OrmAI then exposes a small generic toolbox to the agent (db.query, db.get, db.aggregate, db.create, db.update, db.delete) that compiles each call against the policy.

policy = (
    PolicyBuilder(DEFAULT_PROD)
    .register_models([Order, Customer, Invoice])
    .deny_fields("*password*", "*token*")
    .mask_fields(["customer.email", "customer.phone"])
    .tenant_scope("tenant_id")
    .enable_writes(models=["Order", "Invoice"], require_reason=True)
    .max_rows(500)
    .max_writes_per_minute(20)
    .build()
)

toolset = mount_sqlalchemy(engine=engine, session_factory=Session, policy=policy)

That’s the entire substrate. The agent gets six tools instead of fifty. The horizontal concerns (audit, budgets, redaction) live in the policy, not in each function.

When hand-rolled tools are still the right answer

This isn’t a religious argument. Hand-rolled tools win when:

The tool encapsulates real domain logic, not just a parameterized query. compute_renewal_quote(account) should be a hand-rolled function — and OrmAI lets you register it as a domain tool that gets the same policy/audit treatment as the generic ones.
The agent surface is genuinely tiny (3–4 operations) and unlikely to grow.
The operations are not parameterized by the agent’s input (e.g. “always summarize today’s signups” — no parameters, no policy needed).

The right pattern in practice is OrmAI for the generic data access and hand-rolled domain tools for the things that aren’t generic. OrmAI handles registration, policy, and audit for both kinds.

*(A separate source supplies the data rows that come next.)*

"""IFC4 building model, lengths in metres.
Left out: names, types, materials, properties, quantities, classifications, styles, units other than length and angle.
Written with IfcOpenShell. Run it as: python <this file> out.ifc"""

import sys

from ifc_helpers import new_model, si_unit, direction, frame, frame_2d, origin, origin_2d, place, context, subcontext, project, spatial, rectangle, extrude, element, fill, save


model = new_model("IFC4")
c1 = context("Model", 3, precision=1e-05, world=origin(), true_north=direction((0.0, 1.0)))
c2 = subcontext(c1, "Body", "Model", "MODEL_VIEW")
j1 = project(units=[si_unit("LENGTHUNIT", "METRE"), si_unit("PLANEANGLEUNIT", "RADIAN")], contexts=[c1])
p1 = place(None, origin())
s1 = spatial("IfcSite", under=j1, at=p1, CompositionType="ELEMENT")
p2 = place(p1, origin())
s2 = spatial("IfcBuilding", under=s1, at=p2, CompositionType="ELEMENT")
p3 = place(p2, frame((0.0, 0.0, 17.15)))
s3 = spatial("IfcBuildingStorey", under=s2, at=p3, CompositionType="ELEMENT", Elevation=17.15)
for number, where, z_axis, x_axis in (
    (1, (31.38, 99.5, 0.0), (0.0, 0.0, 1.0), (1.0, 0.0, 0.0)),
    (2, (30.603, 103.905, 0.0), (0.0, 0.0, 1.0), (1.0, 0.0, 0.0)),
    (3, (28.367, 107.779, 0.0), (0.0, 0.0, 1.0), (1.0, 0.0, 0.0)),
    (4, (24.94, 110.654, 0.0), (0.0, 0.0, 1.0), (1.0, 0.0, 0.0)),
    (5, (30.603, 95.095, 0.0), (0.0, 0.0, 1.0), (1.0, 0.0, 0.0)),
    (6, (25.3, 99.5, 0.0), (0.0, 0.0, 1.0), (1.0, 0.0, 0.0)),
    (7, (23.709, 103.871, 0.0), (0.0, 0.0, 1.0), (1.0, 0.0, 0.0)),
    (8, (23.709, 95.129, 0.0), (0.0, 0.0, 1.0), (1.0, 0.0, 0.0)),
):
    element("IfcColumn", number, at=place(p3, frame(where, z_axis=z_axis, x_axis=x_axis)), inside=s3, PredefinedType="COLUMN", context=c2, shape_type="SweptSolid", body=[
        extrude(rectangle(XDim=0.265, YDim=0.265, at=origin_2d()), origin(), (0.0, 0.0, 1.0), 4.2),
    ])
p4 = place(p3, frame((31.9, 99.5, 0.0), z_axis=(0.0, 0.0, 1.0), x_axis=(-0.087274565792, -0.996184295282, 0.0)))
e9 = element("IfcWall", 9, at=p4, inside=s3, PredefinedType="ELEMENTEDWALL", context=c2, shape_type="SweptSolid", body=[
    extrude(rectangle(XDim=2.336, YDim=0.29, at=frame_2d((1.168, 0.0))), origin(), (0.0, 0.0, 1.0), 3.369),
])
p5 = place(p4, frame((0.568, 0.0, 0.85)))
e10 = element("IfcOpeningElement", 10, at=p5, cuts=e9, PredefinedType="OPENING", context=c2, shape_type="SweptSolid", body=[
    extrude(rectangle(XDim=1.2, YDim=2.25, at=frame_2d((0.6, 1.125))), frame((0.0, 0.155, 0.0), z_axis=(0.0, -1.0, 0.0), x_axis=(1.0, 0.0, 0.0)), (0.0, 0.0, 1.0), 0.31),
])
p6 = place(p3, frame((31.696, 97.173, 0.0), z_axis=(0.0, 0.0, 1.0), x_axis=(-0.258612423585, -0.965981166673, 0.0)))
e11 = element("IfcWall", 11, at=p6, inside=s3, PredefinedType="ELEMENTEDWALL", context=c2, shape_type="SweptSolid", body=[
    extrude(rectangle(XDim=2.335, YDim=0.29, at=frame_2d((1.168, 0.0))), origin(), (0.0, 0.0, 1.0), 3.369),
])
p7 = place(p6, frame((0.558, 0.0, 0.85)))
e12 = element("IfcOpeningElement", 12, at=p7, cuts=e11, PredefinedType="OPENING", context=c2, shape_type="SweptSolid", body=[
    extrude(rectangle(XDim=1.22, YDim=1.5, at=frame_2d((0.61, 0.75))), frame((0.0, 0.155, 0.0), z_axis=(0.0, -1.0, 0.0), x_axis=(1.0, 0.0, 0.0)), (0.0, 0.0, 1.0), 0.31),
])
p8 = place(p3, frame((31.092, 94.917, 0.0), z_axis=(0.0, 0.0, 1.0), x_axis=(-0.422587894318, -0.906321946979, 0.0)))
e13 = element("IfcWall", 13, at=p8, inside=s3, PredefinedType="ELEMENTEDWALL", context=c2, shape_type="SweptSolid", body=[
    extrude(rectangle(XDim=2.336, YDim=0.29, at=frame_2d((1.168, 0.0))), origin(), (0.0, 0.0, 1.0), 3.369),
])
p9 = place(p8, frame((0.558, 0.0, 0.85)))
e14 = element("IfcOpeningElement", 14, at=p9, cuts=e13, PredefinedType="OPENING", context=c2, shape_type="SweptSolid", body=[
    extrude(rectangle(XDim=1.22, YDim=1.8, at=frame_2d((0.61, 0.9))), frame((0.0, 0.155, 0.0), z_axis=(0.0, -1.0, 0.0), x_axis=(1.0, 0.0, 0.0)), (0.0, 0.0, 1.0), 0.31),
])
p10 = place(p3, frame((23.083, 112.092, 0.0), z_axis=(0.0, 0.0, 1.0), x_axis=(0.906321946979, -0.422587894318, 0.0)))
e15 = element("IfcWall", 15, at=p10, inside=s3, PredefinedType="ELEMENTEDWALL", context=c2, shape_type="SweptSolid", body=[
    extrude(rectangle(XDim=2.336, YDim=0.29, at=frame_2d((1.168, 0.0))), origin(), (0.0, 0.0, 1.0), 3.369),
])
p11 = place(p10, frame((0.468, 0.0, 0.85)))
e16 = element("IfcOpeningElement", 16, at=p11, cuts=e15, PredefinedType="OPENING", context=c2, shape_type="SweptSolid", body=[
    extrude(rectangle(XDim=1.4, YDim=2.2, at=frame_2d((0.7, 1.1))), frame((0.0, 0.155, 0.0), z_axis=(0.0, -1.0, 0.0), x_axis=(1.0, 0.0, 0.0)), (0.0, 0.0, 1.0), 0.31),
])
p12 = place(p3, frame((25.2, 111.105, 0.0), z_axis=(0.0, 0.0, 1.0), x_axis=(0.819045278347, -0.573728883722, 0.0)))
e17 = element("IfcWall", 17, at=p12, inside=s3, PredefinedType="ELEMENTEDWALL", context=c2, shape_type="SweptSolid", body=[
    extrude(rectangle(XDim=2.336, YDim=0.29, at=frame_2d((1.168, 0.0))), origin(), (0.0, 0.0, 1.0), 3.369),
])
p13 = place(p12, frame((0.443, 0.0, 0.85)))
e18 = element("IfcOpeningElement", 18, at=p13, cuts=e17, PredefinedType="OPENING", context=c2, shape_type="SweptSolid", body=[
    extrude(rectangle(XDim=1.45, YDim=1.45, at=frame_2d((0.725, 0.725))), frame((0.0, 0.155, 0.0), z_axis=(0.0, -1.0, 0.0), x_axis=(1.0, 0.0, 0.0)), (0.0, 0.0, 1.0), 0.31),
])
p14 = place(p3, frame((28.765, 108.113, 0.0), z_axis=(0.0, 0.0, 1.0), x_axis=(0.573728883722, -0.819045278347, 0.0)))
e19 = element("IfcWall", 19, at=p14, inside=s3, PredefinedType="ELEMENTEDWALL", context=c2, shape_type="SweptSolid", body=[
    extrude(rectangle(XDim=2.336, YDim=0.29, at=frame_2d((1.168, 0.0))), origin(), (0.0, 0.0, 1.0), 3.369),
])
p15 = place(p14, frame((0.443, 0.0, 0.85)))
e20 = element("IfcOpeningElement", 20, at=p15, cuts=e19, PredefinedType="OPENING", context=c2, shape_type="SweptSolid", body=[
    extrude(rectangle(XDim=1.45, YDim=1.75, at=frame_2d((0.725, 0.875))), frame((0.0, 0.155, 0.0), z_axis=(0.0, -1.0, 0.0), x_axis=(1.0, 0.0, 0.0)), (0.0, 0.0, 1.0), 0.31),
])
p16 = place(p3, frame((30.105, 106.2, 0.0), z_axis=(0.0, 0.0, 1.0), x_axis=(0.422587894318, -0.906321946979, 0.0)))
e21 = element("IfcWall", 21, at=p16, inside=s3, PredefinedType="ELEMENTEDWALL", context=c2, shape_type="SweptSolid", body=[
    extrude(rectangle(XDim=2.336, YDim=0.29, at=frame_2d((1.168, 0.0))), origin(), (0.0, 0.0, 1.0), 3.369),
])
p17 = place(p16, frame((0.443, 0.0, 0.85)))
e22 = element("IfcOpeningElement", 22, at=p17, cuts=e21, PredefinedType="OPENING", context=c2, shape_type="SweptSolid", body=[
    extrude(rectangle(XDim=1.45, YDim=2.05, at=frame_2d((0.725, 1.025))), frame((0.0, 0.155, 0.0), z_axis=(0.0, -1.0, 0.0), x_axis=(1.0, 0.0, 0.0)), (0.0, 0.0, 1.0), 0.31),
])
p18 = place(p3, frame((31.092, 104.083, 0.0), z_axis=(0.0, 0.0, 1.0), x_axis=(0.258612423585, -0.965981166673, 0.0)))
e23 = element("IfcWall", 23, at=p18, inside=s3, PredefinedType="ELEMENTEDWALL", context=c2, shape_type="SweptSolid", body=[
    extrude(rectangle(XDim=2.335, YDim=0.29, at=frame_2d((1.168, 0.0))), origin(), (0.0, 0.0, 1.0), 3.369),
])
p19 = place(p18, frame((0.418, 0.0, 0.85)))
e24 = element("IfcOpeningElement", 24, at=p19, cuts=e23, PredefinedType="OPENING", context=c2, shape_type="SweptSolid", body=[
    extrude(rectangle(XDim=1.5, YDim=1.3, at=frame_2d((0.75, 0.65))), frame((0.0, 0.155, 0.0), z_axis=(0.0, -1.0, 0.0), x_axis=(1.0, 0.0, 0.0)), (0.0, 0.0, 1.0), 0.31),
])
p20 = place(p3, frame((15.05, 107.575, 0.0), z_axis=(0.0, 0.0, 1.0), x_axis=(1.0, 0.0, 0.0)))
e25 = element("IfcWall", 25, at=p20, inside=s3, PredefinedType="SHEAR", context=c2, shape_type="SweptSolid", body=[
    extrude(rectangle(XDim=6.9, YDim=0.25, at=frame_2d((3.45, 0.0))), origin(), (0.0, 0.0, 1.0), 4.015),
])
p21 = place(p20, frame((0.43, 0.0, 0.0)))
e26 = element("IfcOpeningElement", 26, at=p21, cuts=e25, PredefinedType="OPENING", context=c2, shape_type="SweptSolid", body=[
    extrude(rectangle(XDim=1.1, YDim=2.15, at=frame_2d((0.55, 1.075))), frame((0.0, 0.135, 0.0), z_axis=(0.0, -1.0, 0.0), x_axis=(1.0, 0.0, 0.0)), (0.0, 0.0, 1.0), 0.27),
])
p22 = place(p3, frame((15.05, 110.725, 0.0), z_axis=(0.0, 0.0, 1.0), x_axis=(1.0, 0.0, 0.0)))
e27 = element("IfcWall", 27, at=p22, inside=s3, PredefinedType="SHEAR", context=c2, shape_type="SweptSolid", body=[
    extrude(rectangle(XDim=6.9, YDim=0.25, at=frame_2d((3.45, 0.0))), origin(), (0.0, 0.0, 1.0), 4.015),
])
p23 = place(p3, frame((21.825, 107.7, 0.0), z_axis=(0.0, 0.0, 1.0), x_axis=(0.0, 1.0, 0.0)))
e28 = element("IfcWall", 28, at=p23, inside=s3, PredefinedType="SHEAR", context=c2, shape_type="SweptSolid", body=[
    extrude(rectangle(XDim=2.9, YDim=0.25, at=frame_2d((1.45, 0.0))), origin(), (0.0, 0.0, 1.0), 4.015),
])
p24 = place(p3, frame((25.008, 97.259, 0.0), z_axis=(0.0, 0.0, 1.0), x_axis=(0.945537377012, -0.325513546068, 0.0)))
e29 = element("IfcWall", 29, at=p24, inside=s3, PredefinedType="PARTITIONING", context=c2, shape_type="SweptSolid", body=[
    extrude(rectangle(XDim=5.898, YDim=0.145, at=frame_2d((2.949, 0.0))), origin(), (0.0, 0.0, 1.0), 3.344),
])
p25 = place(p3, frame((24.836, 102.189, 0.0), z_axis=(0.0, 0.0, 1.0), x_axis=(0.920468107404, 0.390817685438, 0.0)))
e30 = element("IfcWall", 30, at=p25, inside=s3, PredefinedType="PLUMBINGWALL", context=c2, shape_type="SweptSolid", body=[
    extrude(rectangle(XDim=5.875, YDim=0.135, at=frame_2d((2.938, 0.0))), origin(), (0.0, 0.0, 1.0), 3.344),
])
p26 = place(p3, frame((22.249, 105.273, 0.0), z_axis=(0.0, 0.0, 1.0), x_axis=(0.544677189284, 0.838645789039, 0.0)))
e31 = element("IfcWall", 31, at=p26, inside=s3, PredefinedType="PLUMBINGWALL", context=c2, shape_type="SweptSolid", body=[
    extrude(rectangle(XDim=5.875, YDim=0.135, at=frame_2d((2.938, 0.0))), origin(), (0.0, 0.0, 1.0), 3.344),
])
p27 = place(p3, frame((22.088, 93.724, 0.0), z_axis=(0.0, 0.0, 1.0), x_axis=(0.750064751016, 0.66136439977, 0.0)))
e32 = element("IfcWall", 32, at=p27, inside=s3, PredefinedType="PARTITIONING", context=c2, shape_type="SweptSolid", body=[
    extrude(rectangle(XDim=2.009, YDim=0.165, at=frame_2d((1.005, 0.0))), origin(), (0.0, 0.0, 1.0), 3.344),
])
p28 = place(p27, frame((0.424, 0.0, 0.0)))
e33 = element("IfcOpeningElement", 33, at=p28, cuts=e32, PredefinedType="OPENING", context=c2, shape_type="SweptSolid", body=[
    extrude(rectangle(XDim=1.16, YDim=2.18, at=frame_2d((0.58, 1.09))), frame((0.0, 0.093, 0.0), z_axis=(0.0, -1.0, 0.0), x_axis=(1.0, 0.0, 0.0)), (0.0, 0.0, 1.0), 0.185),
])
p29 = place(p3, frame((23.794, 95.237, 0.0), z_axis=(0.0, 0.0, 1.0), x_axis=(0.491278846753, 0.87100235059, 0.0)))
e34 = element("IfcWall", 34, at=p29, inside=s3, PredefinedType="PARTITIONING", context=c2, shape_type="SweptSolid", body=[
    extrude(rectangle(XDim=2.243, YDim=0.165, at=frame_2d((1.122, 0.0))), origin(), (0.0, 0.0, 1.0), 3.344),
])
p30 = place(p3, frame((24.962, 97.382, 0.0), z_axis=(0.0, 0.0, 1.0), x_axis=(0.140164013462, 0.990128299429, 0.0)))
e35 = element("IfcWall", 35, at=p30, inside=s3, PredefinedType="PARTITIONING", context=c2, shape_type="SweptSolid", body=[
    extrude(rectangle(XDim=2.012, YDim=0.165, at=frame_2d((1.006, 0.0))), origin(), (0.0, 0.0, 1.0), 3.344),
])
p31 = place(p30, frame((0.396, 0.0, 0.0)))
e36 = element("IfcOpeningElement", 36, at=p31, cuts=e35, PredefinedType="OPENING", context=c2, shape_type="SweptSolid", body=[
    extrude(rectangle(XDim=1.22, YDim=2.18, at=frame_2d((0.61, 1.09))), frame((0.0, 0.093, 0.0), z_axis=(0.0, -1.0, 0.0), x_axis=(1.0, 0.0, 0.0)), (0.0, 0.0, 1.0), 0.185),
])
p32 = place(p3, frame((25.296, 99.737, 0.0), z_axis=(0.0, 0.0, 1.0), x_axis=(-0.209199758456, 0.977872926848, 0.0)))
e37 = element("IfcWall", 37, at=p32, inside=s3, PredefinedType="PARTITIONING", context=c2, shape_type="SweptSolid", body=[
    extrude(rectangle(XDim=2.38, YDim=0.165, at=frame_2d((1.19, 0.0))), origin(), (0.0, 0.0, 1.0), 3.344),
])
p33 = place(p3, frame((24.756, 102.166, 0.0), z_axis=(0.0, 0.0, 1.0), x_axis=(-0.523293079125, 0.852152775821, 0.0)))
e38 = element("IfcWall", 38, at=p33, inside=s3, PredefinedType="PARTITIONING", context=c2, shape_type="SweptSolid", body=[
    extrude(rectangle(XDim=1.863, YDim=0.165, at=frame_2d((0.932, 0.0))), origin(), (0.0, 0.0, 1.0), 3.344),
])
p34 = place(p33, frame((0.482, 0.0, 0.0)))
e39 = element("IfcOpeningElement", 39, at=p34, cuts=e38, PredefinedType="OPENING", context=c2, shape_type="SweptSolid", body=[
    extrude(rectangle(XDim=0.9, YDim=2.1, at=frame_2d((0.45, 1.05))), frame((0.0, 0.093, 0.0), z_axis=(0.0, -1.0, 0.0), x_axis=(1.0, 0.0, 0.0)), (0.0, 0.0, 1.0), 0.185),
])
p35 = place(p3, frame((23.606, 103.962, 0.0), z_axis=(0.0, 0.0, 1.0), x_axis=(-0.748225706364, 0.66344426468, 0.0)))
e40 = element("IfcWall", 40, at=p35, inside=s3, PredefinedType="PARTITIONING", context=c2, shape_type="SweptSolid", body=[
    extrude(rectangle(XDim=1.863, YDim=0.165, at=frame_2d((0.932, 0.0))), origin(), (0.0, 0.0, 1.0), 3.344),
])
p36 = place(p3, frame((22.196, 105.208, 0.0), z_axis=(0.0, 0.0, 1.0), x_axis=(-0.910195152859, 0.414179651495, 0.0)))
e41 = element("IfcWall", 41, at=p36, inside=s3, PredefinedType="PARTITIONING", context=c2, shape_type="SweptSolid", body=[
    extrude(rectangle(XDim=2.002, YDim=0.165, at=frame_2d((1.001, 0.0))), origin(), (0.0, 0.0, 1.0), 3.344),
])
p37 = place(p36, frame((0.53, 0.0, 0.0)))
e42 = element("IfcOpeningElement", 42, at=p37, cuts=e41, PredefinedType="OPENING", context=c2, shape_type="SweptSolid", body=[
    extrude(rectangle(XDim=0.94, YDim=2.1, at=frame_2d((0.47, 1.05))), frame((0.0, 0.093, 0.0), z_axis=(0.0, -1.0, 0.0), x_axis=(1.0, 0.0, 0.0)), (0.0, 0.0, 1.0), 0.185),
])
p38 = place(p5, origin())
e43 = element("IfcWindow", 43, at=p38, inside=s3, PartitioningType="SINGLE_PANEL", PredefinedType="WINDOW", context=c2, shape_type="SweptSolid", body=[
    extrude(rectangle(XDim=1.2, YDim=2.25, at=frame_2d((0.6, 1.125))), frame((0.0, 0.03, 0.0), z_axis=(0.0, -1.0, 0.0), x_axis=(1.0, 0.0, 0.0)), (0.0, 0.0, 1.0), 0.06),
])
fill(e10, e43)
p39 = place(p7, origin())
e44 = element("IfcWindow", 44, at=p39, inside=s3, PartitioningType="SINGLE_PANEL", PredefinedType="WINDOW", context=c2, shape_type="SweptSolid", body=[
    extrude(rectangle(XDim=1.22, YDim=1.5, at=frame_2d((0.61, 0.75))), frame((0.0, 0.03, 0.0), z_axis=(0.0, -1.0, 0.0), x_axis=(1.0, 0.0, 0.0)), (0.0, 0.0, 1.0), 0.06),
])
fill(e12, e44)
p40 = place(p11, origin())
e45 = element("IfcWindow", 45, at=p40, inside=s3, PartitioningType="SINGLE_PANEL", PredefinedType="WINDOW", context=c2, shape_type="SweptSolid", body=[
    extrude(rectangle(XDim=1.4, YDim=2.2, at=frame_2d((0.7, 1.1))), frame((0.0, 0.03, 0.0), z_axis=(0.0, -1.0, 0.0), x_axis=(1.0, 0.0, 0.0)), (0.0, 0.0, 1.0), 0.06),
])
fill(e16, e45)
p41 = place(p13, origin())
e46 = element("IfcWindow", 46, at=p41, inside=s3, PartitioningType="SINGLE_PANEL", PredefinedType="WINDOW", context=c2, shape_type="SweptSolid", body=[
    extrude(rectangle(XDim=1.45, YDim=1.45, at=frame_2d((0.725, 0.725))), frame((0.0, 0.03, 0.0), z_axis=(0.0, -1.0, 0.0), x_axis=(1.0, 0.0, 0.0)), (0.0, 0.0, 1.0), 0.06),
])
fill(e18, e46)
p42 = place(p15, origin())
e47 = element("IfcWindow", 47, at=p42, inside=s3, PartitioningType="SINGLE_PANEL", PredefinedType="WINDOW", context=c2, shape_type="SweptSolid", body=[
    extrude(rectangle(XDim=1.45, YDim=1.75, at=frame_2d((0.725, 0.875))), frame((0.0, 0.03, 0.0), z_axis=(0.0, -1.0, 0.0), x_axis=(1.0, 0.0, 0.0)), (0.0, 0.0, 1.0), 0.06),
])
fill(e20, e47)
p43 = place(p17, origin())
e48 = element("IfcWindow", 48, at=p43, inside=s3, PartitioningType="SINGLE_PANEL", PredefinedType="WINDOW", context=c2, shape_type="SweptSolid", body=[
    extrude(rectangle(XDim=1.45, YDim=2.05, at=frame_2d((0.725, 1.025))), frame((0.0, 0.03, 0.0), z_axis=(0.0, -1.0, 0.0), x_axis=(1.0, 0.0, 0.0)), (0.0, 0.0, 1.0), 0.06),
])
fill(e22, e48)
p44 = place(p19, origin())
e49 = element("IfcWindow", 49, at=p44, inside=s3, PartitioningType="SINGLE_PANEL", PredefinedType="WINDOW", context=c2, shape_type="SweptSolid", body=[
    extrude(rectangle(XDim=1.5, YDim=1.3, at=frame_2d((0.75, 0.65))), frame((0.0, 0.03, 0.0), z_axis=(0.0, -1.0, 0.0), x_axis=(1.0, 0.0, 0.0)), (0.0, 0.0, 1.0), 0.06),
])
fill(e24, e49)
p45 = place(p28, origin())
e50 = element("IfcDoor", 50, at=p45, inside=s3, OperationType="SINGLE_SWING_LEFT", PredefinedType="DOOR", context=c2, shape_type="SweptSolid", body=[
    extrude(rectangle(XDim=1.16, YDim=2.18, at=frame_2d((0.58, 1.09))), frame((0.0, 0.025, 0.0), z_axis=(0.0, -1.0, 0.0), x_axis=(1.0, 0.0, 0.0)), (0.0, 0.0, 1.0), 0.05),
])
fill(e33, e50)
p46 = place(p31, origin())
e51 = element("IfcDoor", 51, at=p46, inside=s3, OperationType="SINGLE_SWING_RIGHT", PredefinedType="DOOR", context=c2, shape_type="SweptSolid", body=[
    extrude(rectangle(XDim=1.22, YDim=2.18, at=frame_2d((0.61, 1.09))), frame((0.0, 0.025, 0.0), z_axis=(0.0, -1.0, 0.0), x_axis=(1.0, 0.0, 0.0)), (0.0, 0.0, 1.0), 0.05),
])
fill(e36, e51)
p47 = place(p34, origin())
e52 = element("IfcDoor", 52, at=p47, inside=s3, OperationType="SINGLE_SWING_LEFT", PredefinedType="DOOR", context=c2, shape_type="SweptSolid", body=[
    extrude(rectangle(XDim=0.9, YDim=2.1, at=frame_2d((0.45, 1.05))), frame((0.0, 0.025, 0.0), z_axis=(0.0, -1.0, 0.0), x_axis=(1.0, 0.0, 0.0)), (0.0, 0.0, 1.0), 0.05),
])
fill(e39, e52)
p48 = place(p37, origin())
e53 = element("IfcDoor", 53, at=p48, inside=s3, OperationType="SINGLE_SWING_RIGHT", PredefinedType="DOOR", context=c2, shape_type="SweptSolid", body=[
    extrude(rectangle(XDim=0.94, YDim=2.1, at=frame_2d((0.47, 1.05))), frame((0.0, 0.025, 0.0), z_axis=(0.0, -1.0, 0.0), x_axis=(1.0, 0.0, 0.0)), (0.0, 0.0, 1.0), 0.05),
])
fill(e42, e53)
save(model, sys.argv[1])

A real example: 23 tools → 6 tools + a policy

A customer-facing analytics agent for a vertical SaaS company. Original implementation: 23 hand-rolled tools across orders, customers, products, sessions. After OrmAI:

6 generic tools.
4 domain tools (cohort analyses that needed real Python).
One 80-line policy file.
A central audit table that the security team queries.
Cross-tenant isolation enforced once.

Lines of code in the agent’s data layer dropped from ~1,800 to ~340. SOC 2 control evidence went from “screenshots of code review” to “the policy file plus log queries.” The agent answered more questions, not fewer, because the generic tools gave it more flexibility within safe bounds.

Migration recipe

Inventory your existing tools. Group them by model.
For each group, identify which calls are pure parameterized reads (most of them). Those collapse into db.query/db.get/db.aggregate.
For each write tool, decide: does it need a reason field? Two-person approval? A row cap? Encode that in policy.
Identify the genuinely non-trivial tools (the domain logic). Keep them. Register them with OrmAI so they share audit and policy.
Cut the generic CRUD tools. Update the agent’s tool list.

Most teams keep 20–40% of their original tools as domain tools. The rest become thin policy entries.